Playing with JPEG quality and file size
This is probably no news at all for graphics/image processing experts, but its something I've just learnt myself and I thought it would be fun to share.
I am writing a static HTML photo algum generator and was a little suspicious of the size of the generated JPEG images. I thought "well, these JPEGs should not be that large ..."
I did some quick research and found out that ImageMagick uses JPEG quality 92 by default and was curious how file size would vary as I changed the output quality.

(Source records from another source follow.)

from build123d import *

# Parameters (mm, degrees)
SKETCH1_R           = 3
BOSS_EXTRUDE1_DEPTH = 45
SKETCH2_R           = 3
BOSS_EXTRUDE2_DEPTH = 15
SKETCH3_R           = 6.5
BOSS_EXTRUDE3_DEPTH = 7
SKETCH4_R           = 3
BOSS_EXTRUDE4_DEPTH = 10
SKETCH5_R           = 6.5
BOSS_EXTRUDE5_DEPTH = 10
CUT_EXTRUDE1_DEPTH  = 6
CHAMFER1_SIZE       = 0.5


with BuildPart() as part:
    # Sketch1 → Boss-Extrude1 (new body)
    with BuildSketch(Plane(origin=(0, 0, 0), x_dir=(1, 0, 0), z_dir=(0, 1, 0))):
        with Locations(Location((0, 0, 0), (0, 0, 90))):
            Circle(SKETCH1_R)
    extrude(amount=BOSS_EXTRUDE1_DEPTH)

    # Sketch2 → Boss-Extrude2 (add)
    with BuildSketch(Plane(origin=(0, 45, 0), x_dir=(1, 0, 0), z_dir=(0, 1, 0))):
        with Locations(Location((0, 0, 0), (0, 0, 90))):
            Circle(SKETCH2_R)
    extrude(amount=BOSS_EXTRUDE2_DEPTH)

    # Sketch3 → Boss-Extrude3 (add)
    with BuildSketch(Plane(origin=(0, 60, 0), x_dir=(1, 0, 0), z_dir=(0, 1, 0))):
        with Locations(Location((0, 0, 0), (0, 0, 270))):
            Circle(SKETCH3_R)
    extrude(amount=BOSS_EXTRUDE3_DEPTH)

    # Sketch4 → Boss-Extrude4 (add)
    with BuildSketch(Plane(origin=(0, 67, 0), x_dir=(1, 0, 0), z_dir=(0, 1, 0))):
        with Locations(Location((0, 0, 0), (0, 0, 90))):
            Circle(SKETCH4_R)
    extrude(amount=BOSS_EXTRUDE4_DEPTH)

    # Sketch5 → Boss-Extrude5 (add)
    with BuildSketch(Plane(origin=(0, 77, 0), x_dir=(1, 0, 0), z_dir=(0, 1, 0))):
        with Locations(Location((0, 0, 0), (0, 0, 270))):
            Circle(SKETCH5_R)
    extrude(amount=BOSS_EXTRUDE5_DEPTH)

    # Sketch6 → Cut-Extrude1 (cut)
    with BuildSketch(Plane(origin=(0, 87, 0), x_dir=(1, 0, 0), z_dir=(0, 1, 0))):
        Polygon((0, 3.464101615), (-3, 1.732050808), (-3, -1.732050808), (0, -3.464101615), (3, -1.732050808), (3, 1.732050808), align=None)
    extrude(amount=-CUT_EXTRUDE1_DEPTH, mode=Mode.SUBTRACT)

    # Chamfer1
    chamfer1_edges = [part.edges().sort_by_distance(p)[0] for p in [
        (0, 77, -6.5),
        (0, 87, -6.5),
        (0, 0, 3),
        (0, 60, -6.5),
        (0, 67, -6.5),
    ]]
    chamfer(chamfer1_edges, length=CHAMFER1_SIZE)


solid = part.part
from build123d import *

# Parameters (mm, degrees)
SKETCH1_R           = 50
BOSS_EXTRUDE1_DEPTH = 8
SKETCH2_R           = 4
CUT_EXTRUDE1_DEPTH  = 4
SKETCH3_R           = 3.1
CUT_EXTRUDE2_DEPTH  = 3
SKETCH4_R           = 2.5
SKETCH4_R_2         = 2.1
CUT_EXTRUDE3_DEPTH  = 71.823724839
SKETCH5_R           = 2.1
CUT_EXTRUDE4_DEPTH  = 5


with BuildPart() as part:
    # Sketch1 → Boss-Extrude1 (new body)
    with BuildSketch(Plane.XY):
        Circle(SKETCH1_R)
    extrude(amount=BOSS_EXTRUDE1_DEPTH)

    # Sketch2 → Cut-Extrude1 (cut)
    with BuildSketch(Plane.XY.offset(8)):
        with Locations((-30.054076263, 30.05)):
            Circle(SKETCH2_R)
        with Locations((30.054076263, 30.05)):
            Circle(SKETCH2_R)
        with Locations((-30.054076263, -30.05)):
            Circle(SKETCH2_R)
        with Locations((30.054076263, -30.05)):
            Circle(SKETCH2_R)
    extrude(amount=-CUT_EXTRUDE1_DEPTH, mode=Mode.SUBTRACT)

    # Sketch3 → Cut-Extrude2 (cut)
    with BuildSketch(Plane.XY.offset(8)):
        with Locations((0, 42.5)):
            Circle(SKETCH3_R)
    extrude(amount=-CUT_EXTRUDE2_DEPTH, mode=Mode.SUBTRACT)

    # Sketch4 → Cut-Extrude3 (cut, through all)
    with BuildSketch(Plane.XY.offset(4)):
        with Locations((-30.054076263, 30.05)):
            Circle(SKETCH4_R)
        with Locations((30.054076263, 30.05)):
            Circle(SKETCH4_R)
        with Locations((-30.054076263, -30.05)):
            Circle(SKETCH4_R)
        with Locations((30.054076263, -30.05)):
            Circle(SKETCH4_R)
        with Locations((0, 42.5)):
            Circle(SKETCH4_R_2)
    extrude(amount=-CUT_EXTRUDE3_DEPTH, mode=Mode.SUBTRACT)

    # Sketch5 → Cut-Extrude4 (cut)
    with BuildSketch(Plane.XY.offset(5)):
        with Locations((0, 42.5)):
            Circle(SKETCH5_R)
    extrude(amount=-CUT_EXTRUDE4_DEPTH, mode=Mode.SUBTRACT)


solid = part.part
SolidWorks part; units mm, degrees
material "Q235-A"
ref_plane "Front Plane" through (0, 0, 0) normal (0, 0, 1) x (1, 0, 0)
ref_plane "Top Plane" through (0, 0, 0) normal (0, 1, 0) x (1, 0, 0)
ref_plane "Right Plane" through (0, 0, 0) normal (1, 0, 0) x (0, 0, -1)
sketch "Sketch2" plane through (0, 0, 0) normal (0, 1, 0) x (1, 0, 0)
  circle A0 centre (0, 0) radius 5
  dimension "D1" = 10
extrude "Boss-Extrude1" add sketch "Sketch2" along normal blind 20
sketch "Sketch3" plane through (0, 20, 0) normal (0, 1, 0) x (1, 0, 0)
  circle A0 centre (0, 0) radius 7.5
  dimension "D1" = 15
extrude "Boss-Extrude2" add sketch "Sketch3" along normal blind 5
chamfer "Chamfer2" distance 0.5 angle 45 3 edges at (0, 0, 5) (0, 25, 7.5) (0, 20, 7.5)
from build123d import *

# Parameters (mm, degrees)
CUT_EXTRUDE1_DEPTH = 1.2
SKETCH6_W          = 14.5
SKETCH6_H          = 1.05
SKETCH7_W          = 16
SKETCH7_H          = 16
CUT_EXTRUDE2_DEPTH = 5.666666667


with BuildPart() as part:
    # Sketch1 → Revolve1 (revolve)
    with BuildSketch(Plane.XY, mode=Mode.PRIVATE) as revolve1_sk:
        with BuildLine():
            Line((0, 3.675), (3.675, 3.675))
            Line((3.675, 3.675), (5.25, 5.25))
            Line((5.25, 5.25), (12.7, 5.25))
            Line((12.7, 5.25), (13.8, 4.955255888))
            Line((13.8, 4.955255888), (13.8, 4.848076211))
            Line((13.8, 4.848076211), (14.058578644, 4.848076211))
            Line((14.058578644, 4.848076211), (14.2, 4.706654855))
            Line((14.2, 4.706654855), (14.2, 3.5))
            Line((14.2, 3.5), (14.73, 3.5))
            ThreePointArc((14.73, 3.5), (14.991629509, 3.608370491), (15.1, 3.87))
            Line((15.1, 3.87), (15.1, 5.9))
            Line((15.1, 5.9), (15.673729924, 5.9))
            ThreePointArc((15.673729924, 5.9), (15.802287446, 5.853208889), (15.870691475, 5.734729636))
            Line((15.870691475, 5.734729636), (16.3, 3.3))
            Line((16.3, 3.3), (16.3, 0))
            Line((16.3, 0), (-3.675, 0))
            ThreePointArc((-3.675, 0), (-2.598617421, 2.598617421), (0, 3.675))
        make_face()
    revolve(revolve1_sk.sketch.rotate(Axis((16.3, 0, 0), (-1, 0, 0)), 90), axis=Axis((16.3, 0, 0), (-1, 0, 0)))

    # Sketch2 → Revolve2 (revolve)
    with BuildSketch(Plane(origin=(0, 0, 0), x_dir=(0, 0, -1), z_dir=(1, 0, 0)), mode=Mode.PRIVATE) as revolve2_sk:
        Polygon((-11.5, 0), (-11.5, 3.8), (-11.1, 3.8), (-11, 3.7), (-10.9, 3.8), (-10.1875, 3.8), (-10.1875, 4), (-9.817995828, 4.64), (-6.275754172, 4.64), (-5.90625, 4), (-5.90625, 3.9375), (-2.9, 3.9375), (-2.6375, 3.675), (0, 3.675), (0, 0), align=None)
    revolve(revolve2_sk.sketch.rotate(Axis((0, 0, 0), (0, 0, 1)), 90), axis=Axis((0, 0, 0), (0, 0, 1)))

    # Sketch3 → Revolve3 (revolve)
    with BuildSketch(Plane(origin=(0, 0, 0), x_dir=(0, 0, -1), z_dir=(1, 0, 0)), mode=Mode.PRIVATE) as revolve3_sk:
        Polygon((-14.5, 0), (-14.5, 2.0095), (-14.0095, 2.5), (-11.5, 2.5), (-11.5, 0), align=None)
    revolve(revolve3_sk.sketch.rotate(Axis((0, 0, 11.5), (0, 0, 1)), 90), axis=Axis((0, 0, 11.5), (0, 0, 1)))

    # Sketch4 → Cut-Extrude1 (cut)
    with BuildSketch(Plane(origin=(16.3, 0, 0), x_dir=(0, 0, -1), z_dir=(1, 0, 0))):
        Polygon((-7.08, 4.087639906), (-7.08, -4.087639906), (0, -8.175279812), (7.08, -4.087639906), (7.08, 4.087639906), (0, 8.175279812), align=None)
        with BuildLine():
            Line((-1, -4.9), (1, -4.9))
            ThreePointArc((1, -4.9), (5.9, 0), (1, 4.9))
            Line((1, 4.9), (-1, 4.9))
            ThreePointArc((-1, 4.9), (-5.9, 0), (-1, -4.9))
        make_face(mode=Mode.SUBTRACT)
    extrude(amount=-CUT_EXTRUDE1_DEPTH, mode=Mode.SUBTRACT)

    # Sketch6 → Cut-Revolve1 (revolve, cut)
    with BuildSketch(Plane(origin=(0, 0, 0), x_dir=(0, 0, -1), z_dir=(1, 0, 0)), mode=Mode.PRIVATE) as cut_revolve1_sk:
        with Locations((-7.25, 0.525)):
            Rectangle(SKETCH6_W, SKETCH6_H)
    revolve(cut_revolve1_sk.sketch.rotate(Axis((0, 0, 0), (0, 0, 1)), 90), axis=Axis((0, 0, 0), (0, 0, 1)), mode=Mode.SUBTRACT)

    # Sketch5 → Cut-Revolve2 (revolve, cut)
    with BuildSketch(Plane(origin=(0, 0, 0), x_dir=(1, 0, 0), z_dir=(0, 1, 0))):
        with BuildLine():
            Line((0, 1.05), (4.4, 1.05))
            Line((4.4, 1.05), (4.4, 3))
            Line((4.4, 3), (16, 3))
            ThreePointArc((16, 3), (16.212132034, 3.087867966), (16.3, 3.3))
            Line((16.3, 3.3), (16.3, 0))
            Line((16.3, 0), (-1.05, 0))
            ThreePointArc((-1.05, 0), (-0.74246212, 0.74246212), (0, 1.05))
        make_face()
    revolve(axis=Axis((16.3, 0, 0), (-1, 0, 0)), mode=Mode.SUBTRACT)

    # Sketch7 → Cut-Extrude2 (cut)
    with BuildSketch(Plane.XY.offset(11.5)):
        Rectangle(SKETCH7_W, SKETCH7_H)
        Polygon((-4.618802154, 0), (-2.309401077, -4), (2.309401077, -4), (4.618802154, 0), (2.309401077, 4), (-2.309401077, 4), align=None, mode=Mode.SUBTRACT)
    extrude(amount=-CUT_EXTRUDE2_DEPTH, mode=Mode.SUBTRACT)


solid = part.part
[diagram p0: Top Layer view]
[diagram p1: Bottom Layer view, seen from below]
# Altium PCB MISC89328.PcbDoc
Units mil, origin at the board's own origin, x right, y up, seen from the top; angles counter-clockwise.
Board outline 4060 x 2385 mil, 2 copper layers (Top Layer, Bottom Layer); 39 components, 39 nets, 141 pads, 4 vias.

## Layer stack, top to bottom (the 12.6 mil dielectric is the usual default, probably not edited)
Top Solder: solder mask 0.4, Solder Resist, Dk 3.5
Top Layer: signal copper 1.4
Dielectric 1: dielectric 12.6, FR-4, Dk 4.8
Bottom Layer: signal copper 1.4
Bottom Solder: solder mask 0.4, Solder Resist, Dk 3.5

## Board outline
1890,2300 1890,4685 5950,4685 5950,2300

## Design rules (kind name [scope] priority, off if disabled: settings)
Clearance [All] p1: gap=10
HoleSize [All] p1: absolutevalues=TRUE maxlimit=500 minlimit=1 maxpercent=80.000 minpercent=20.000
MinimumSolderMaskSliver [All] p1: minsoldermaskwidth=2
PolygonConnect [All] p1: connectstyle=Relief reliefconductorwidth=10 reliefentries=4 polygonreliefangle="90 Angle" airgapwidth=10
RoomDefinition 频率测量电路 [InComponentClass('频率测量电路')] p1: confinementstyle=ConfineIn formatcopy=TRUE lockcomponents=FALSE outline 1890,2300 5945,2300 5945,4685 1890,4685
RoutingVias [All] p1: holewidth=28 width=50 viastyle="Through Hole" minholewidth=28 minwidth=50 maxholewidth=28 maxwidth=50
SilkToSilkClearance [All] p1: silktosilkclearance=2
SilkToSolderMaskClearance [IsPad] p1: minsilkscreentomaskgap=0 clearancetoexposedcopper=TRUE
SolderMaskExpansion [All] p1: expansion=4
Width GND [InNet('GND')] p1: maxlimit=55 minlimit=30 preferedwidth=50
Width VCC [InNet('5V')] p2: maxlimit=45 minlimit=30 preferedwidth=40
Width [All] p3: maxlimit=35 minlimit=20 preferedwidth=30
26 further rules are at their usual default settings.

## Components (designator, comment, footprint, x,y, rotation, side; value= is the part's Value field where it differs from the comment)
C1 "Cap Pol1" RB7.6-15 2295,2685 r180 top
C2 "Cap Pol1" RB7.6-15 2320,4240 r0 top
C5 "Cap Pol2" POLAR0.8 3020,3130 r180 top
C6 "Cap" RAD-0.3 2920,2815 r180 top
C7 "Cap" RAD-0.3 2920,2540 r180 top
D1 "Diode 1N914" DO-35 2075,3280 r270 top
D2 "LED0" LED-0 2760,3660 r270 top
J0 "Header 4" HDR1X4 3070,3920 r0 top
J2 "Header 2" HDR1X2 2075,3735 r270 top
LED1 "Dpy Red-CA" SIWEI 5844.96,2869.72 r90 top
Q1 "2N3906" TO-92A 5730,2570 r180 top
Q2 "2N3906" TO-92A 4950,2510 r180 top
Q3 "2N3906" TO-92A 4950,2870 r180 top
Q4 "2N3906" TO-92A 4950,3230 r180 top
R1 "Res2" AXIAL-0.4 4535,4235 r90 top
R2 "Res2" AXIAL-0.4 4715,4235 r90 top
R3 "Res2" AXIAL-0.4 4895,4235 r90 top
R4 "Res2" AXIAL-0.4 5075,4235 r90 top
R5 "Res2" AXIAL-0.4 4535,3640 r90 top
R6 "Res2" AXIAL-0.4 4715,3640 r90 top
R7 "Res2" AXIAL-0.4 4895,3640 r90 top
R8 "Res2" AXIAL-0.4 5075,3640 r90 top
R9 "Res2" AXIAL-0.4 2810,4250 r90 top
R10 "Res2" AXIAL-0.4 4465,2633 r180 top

Then I took an image and produced thumbnails for it with the "JPEG quality" parameter ranging from 1 to 100 to check 1) how the file size varies with quality and 2) how much quality actually makes any difference when viewing the images.
To generate the thumbnails with varying quality, I did the following:
$ for i in $(seq -f %03g 1 100); do convert -scale 640x480 -quality $i /path/to/original.jpg $i.jpg; echo $i; done
Then I generated a data file by calculating the size of each file with du and piping the results through sed and awk:
$ du -b [0-9]*.jpg | sed 's/.jpg//' | awk '{ print $2 " " $1 }'
The generated data file looks this, with JPEG quality in first column and file size in bytes in the second column:
001 20380002 20383003 20634004 21106[...]
Regarding to file size, it seems like between 1 and 50, file size grows sublinearly with quality. Beyond that, the curve reaches an inflection point and grows in a way that looks, if not exponentially, at least polynomially.
The above plot was produced in a R session that looked like this:
$ R
R version 2.13.1 (2011-07-08)
Copyright (C) 2011 The R Foundation for Statistical Computing
ISBN 3-900051-07-0
Platform: i486-pc-linux-gnu (32-bit)
R é um software livre e vem sem GARANTIA ALGUMA.
Você pode redistribuí-lo sob certas circunstâncias.
Digite 'license()' ou 'licence()' para detalhes de distribuição.
R é um projeto colaborativo com muitos contribuidores.
Digite 'contributors()' para obter mais informações e
'citation()' para saber como citar o R ou pacotes do R em publicações.
Digite 'demo()' para demonstrações, 'help()' para o sistema on-line de ajuda,
ou 'help.start()' para abrir o sistema de ajuda em HTML no seu navegador.
Digite 'q()' para sair do R.
> png()
> data <- read.table('points.dat')
> quality <- data[[1]]
> quality
[1] 1 2 3 4 5 6 7 8 9 10 11 12 13 14 15 16 17 18
[19] 19 20 21 22 23 24 25 26 27 28 29 30 31 32 33 34 35 36
[37] 37 38 39 40 41 42 43 44 45 46 47 48 49 50 51 52 53 54
[55] 55 56 57 58 59 60 61 62 63 64 65 66 67 68 69 70 71 72
[73] 73 74 75 76 77 78 79 80 81 82 83 84 85 86 87 88 89 90
[91] 91 92 93 94 95 96 97 98 99 100
> filesize <- data[[2]]
> filesize
[1] 20380 20383 20634 21106 21551 22012 22469 22878 23323 23715
[11] 24103 24494 24952 25327 25725 26127 26507 26886 27216 27550
[21] 27917 28288 28627 28945 29271 29583 29919 30280 30516 30813
[31] 31099 31367 31679 31873 32232 32538 32704 33072 33324 33443
[41] 33860 34055 34253 34633 34804 35074 35216 35491 35871 35935
[51] 36030 36443 36743 36898 37120 37382 37726 38077 38307 38581
[61] 39002 39270 39700 39962 40388 40762 41086 41629 42062 42544
[71] 43048 43392 44062 44824 45023 45682 46532 47347 47833 48701
[81] 49612 50423 51694 52637 53635 55243 56340 58304 59709 62162
[91] 64207 66273 70073 74617 79917 86745 94950 105680 128158 145937
> plot(quality, filesize, xlab = 'JPEG Quality', ylab = 'File size')
>
Save workspace image? [y/n/c]: y
Looking at the actual generated thumbnails, somewhere after quality > 60 I stopped noticing the difference between increasing quality factors. Settling with a default quality of 75 seems to be good enough: the resulting static HTML album generated from a folder with 82 pictures dropped from 12MB with the default ImageMagick quality factor to 6MB with quality 75, with very little perceivable image quality loss.